# BMW Live Internet on F10 with combox and ecall



## ap90500 (Oct 23, 2013)

kaxasia said:


> i send it


You have US spec F10 so you can not get it to work by just coding mainboard_alone and using fake vin. Actually one guy at this forum is currently comparing his us ncd-files to my ece ncd-files, let's hope that he will post his results at some point.

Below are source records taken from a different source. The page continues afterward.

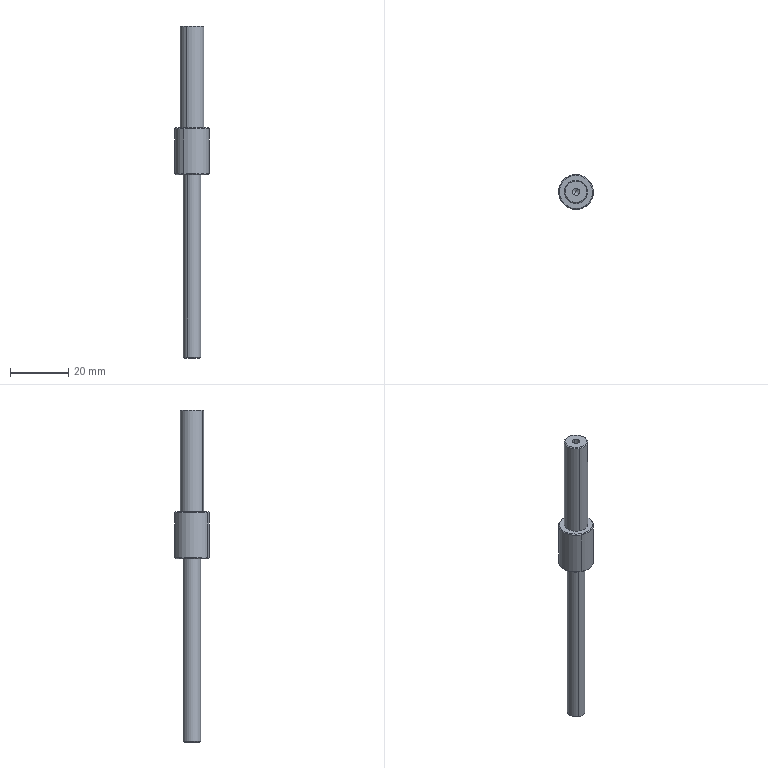Component | SolidWorks | DZ.KX.203-TC1505-20-18-05-96-1 | 1 solid | 26 faces | box 12 x 12 x 114 mm | volume 5230 mm3 | cone 12 | cylinder 10 | plane 4 | commonest cylinder face diameters 2.5 x4 6 x2 12 x2 8 x2 | material Plain Carbon Steel
build123d program:
from build123d import *

# Parameters (mm, degrees)
M3_TAPPED_HOLE1_D     = 2.5
M3_TAPPED_HOLE1_DEPTH = 12.5
M3_TAPPED_HOLE1_TIP   = 0.7511
CHAMFER1_SIZE         = 0.3
M3_TAPPED_HOLE2_D     = 2.5
M3_TAPPED_HOLE2_DEPTH = 10.5
M3_TAPPED_HOLE2_TIP   = 0.7511


with BuildPart() as part:
    # Sketch1 → Revolve1 (revolve)
    with BuildSketch(Plane(origin=(0, 0, 0), x_dir=(0, 0, -1), z_dir=(1, 0, 0))):
        Polygon((0, 0), (0, 114), (4, 114), (4, 79), (6, 79), (6, 63), (3, 63), (3, 0), align=None)
    revolve(axis=Axis((0, 0, 0), (0, 1, 0)))

    # M3 Tapped Hole1
    with Locations(Plane(origin=(0, 114, 0), x_dir=(1, 0, 0), z_dir=(0, 1, 0))):
        with Locations((0, 0)):
            Hole(M3_TAPPED_HOLE1_D / 2, depth=M3_TAPPED_HOLE1_DEPTH)
            with Locations((0, 0, -(M3_TAPPED_HOLE1_DEPTH + M3_TAPPED_HOLE1_TIP / 2))):  # 118° drill point
                Cone(0, M3_TAPPED_HOLE1_D / 2, M3_TAPPED_HOLE1_TIP, mode=Mode.SUBTRACT)

    # Chamfer1
    chamfer1_edges = [part.edges().sort_by_distance(p)[0] for p in [
        (0, 0, 3),
        (0, 63, 6),
        (0, 79, 6),
        (0, 114, 4),
    ]]
    chamfer(chamfer1_edges, length=CHAMFER1_SIZE)

    # M3 Tapped Hole2
    with Locations(Plane(origin=(0, 0, 0), x_dir=(-1, 0, 0), z_dir=(0, -1, 0))):
        with Locations((0, 0)):
            Hole(M3_TAPPED_HOLE2_D / 2, depth=M3_TAPPED_HOLE2_DEPTH)
            with Locations((0, 0, -(M3_TAPPED_HOLE2_DEPTH + M3_TAPPED_HOLE2_TIP / 2))):  # 118° drill point
                Cone(0, M3_TAPPED_HOLE2_D / 2, M3_TAPPED_HOLE2_TIP, mode=Mode.SUBTRACT)


solid = part.part

# Placed as in the assembly
solid = solid.moved(Location((295.5, -817.807, 24.06), (90, 0, 0)))
STEP:
#1=COLOUR_RGB('',0.7922,0.8196,0.9333);
#2=FILL_AREA_STYLE_COLOUR('',#1);
#3=FILL_AREA_STYLE('',(#2));
#4=SURFACE_STYLE_FILL_AREA(#3);
#5=SURFACE_SIDE_STYLE('',(#4));
#6=SURFACE_STYLE_USAGE(.BOTH.,#5);
#7=PRESENTATION_STYLE_ASSIGNMENT((#6));
#8=CARTESIAN_POINT('',(11.61,-32.24,1.361));
#9=VERTEX_POINT('',#8);
#10=CARTESIAN_POINT('',(11.657,-32.154,1.361));
#11=VERTEX_POINT('',#10);
#12=CARTESIAN_POINT('',(11.634,-32.197,1.361));
#13=DIRECTION('',(0.,-0.,-1.));
#14=DIRECTION('',(0.4749,0.88,0.));
#15=AXIS2_PLACEMENT_3D('',#12,#13,#14);
#16=CIRCLE('',#15,0.04921);
#17=EDGE_CURVE('',#9,#11,#16,.T.);
#18=ORIENTED_EDGE('',*,*,#17,.F.);
#19=CARTESIAN_POINT('',(11.61,-32.24,0.9472));
#20=VERTEX_POINT('',#19);
#21=CARTESIAN_POINT('',(11.61,-32.24,0.9472));
#22=DIRECTION('',(0.,-0.,-1.));
#23=VECTOR('',#22,39.37);
#24=LINE('',#21,#23);
#25=EDGE_CURVE('',#9,#20,#24,.T.);
#26=ORIENTED_EDGE('',*,*,#25,.T.);
#27=CARTESIAN_POINT('',(11.657,-32.154,0.9472));
#28=VERTEX_POINT('',#27);
#29=CARTESIAN_POINT('',(11.634,-32.197,0.9472));
#30=DIRECTION('',(0.,-0.,-1.));
#31=DIRECTION('',(0.4749,0.88,-0.));
#32=AXIS2_PLACEMENT_3D('',#29,#30,#31);
#33=CIRCLE('',#32,0.04921);
#34=EDGE_CURVE('',#20,#28,#33,.T.);
#35=ORIENTED_EDGE('',*,*,#34,.T.);
#36=CARTESIAN_POINT('',(11.657,-32.154,0.9472));
#37=DIRECTION('',(0.,-0.,-1.));
#38=VECTOR('',#37,39.37);
#39=LINE('',#36,#38);
#40=EDGE_CURVE('',#11,#28,#39,.T.);
#41=ORIENTED_EDGE('',*,*,#40,.F.);
#42=EDGE_LOOP('',(#18,#26,#35,#41));
#43=FACE_OUTER_BOUND('',#42,.T.);
#44=CARTESIAN_POINT('',(11.634,-32.197,0.9472));
#45=DIRECTION('',(0.,-0.,-1.));
#46=DIRECTION('',(0.4749,0.88,-0.));
#47=AXIS2_PLACEMENT_3D('',#44,#45,#46);
#48=CYLINDRICAL_SURFACE('',#47,0.04921);
#49=ADVANCED_FACE('',(#43),#48,.F.);
#50=CARTESIAN_POINT('',(11.634,-32.197,1.39));
#51=VERTEX_POINT('',#50);
#52=CARTESIAN_POINT('',(11.657,-32.154,1.361));
#53=DIRECTION('',(0.4071,0.7543,-0.515));
#54=VECTOR('',#53,39.37);
#55=LINE('',#52,#54);
#56=EDGE_CURVE('',#51,#11,#55,.T.);
#57=ORIENTED_EDGE('',*,*,#56,.F.);
#58=CARTESIAN_POINT('',(11.61,-32.24,1.361));
#59=DIRECTION('',(-0.4071,-0.7543,-0.515));
#60=VECTOR('',#59,39.37);
#61=LINE('',#58,#60);
#62=EDGE_CURVE('',#51,#9,#61,.T.);
#63=ORIENTED_EDGE('',*,*,#62,.T.);
#64=ORIENTED_EDGE('',*,*,#17,.T.);
#65=EDGE_LOOP('',(#57,#63,#64));
#66=FACE_OUTER_BOUND('',#65,.T.);
#67=CARTESIAN_POINT('',(11.634,-32.197,1.361));
#68=DIRECTION('',(0.,-0.,-1.));
#69=DIRECTION('',(0.4749,0.88,0.));
#70=AXIS2_PLACEMENT_3D('',#67,#68,#69);
#71=CONICAL_SURFACE('',#70,0.04921,1.03);
#72=ADVANCED_FACE('',(#66),#71,.F.);
#73=CARTESIAN_POINT('',(11.565,-32.325,5.435));
#74=VERTEX_POINT('',#73);
#75=CARTESIAN_POINT('',(11.703,-32.069,5.435));
#76=VERTEX_POINT('',#75);
#77=CARTESIAN_POINT('',(11.634,-32.197,5.435));
#78=DIRECTION('',(-0.,0.,1.));
#79=DIRECTION('',(-0.4749,-0.88,0.));
#80=AXIS2_PLACEMENT_3D('',#77,#78,#79);
#81=CIRCLE('',#80,0.1457);
#82=EDGE_CURVE('',#74,#76,#81,.T.);
#83=ORIENTED_EDGE('',*,*,#82,.F.);
#84=CARTESIAN_POINT('',(11.559,-32.336,5.424));
#85=VERTEX_POINT('',#84);
#86=CARTESIAN_POINT('',(11.559,-32.336,5.424));
#87=DIRECTION('',(-0.3358,-0.6223,-0.7071));
#88=VECTOR('',#87,39.37);
#89=LINE('',#86,#88);
#90=EDGE_CURVE('',#74,#85,#89,.T.);
#91=ORIENTED_EDGE('',*,*,#90,.T.);
#92=CARTESIAN_POINT('',(11.709,-32.059,5.424));
#93=VERTEX_POINT('',#92);
#94=CARTESIAN_POINT('',(11.634,-32.197,5.424));
#95=DIRECTION('',(0.,-0.,-1.));
#96=DIRECTION('',(-0.4749,-0.88,0.));
#97=AXIS2_PLACEMENT_3D('',#94,#95,#96);
#98=CIRCLE('',#97,0.1575);
#99=EDGE_CURVE('',#93,#85,#98,.T.);
#100=ORIENTED_EDGE('',*,*,#99,.F.);
#101=CARTESIAN_POINT('',(11.709,-32.059,5.424));
#102=DIRECTION('',(0.3358,0.6223,-0.7071));
#103=VECTOR('',#102,39.37);
#104=LINE('',#101,#103);
#105=EDGE_CURVE('',#76,#93,#104,.T.);
#106=ORIENTED_EDGE('',*,*,#105,.F.);
#107=EDGE_LOOP('',(#83,#91,#100,#106));
#108=FACE_OUTER_BOUND('',#107,.T.);
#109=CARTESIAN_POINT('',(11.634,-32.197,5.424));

Meanwhile you can try shawnsheridans method for us-spec cars:

https://www.bimmerfest.com/forums/showpost.php?p=7091176&postcount=70

BTW, Have you done something for the car to get it so euro specs? If you have altered your vo to euro specs, the mainboard_alone-trick described on this topic could/should work.


----------



## g4movtpt (Jun 18, 2013)

double post sorry


----------



## g4movtpt (Jun 18, 2013)

May i have your help also with my VIN about BMW LIVE? 
It is a F10 with NBT after July 2013. 
I sent to you my VIN in PM
I added 6AL in the VO, and FDL coded some lines:

HU_NBT->3000 HMI->Funktionen->CONNECTED_DRIVE->aktiv (already aktiv)
HU_NBT->3000 HMI->Funktionen->ONLINE_BROWSER_LIVE->aktiv
HU_NBT->3003 > ONLINE_BROWSER = Beide aktiv (both aktiv)
HU_NBT->3003 > ONLINE_SERVICES = nicht_aktiv
HU_NBT->3003 > ONLINE_SERVICES_GLS = nicht_aktiv
HU_NBT->3003 > DUN_PROFILE->aktiv
HU_NBT->3003 > PAN_PROFILE->aktiv
HU_NBT->DATACOMM SIM>Aktiv
HU_NBT->BLUETOOTH_SAP_SUPPORT--> AKTIV

I only got in the display of IDRIVE "data transfer through mobile phone active", but not BMW LIVE option in the BMW CONNECTEDDRIVE menu.

Thanks a lot.


----------



## kaxasia (Jan 11, 2013)

g4movtpt said:


> May i have your help also with my VIN about BMW LIVE?
> It is a F10 with NBT after July 2014.
> I sent to you my VIN in PM
> I added 6AL in the VO, and FDL coded some lines:
> ...


thanks brother but my car have CIC (


----------



## kaxasia (Jan 11, 2013)

ap90500 said:


> You have US spec F10 so you can not get it to work by just coding mainboard_alone and using fake vin. Actually one guy at this forum is currently comparing his us ncd-files to my ece ncd-files, let's hope that he will post his results at some point.
> 
> Meanwhile you can try shawnsheridans method for us-spec cars:
> 
> ...


thanks ap90500, i will try but i have not hope...


----------



## kaxasia (Jan 11, 2013)

ap90500 said:


> You have US spec F10 so you can not get it to work by just coding mainboard_alone and using fake vin. Actually one guy at this forum is currently comparing his us ncd-files to my ece ncd-files, let's hope that he will post his results at some point.
> 
> Meanwhile you can try shawnsheridans method for us-spec cars:
> 
> ...


yes , i coded my car full European specs , becouse i living in GEORGIA


----------



## g4movtpt (Jun 18, 2013)

Don´t worry kaxasia
with your car i am pretty sure you can cause there more people with that already working.


----------



## kaxasia (Jan 11, 2013)

g4movtpt said:


> Don´t worry kaxasia
> with your car i am pretty sure you can cause there more people with that already working.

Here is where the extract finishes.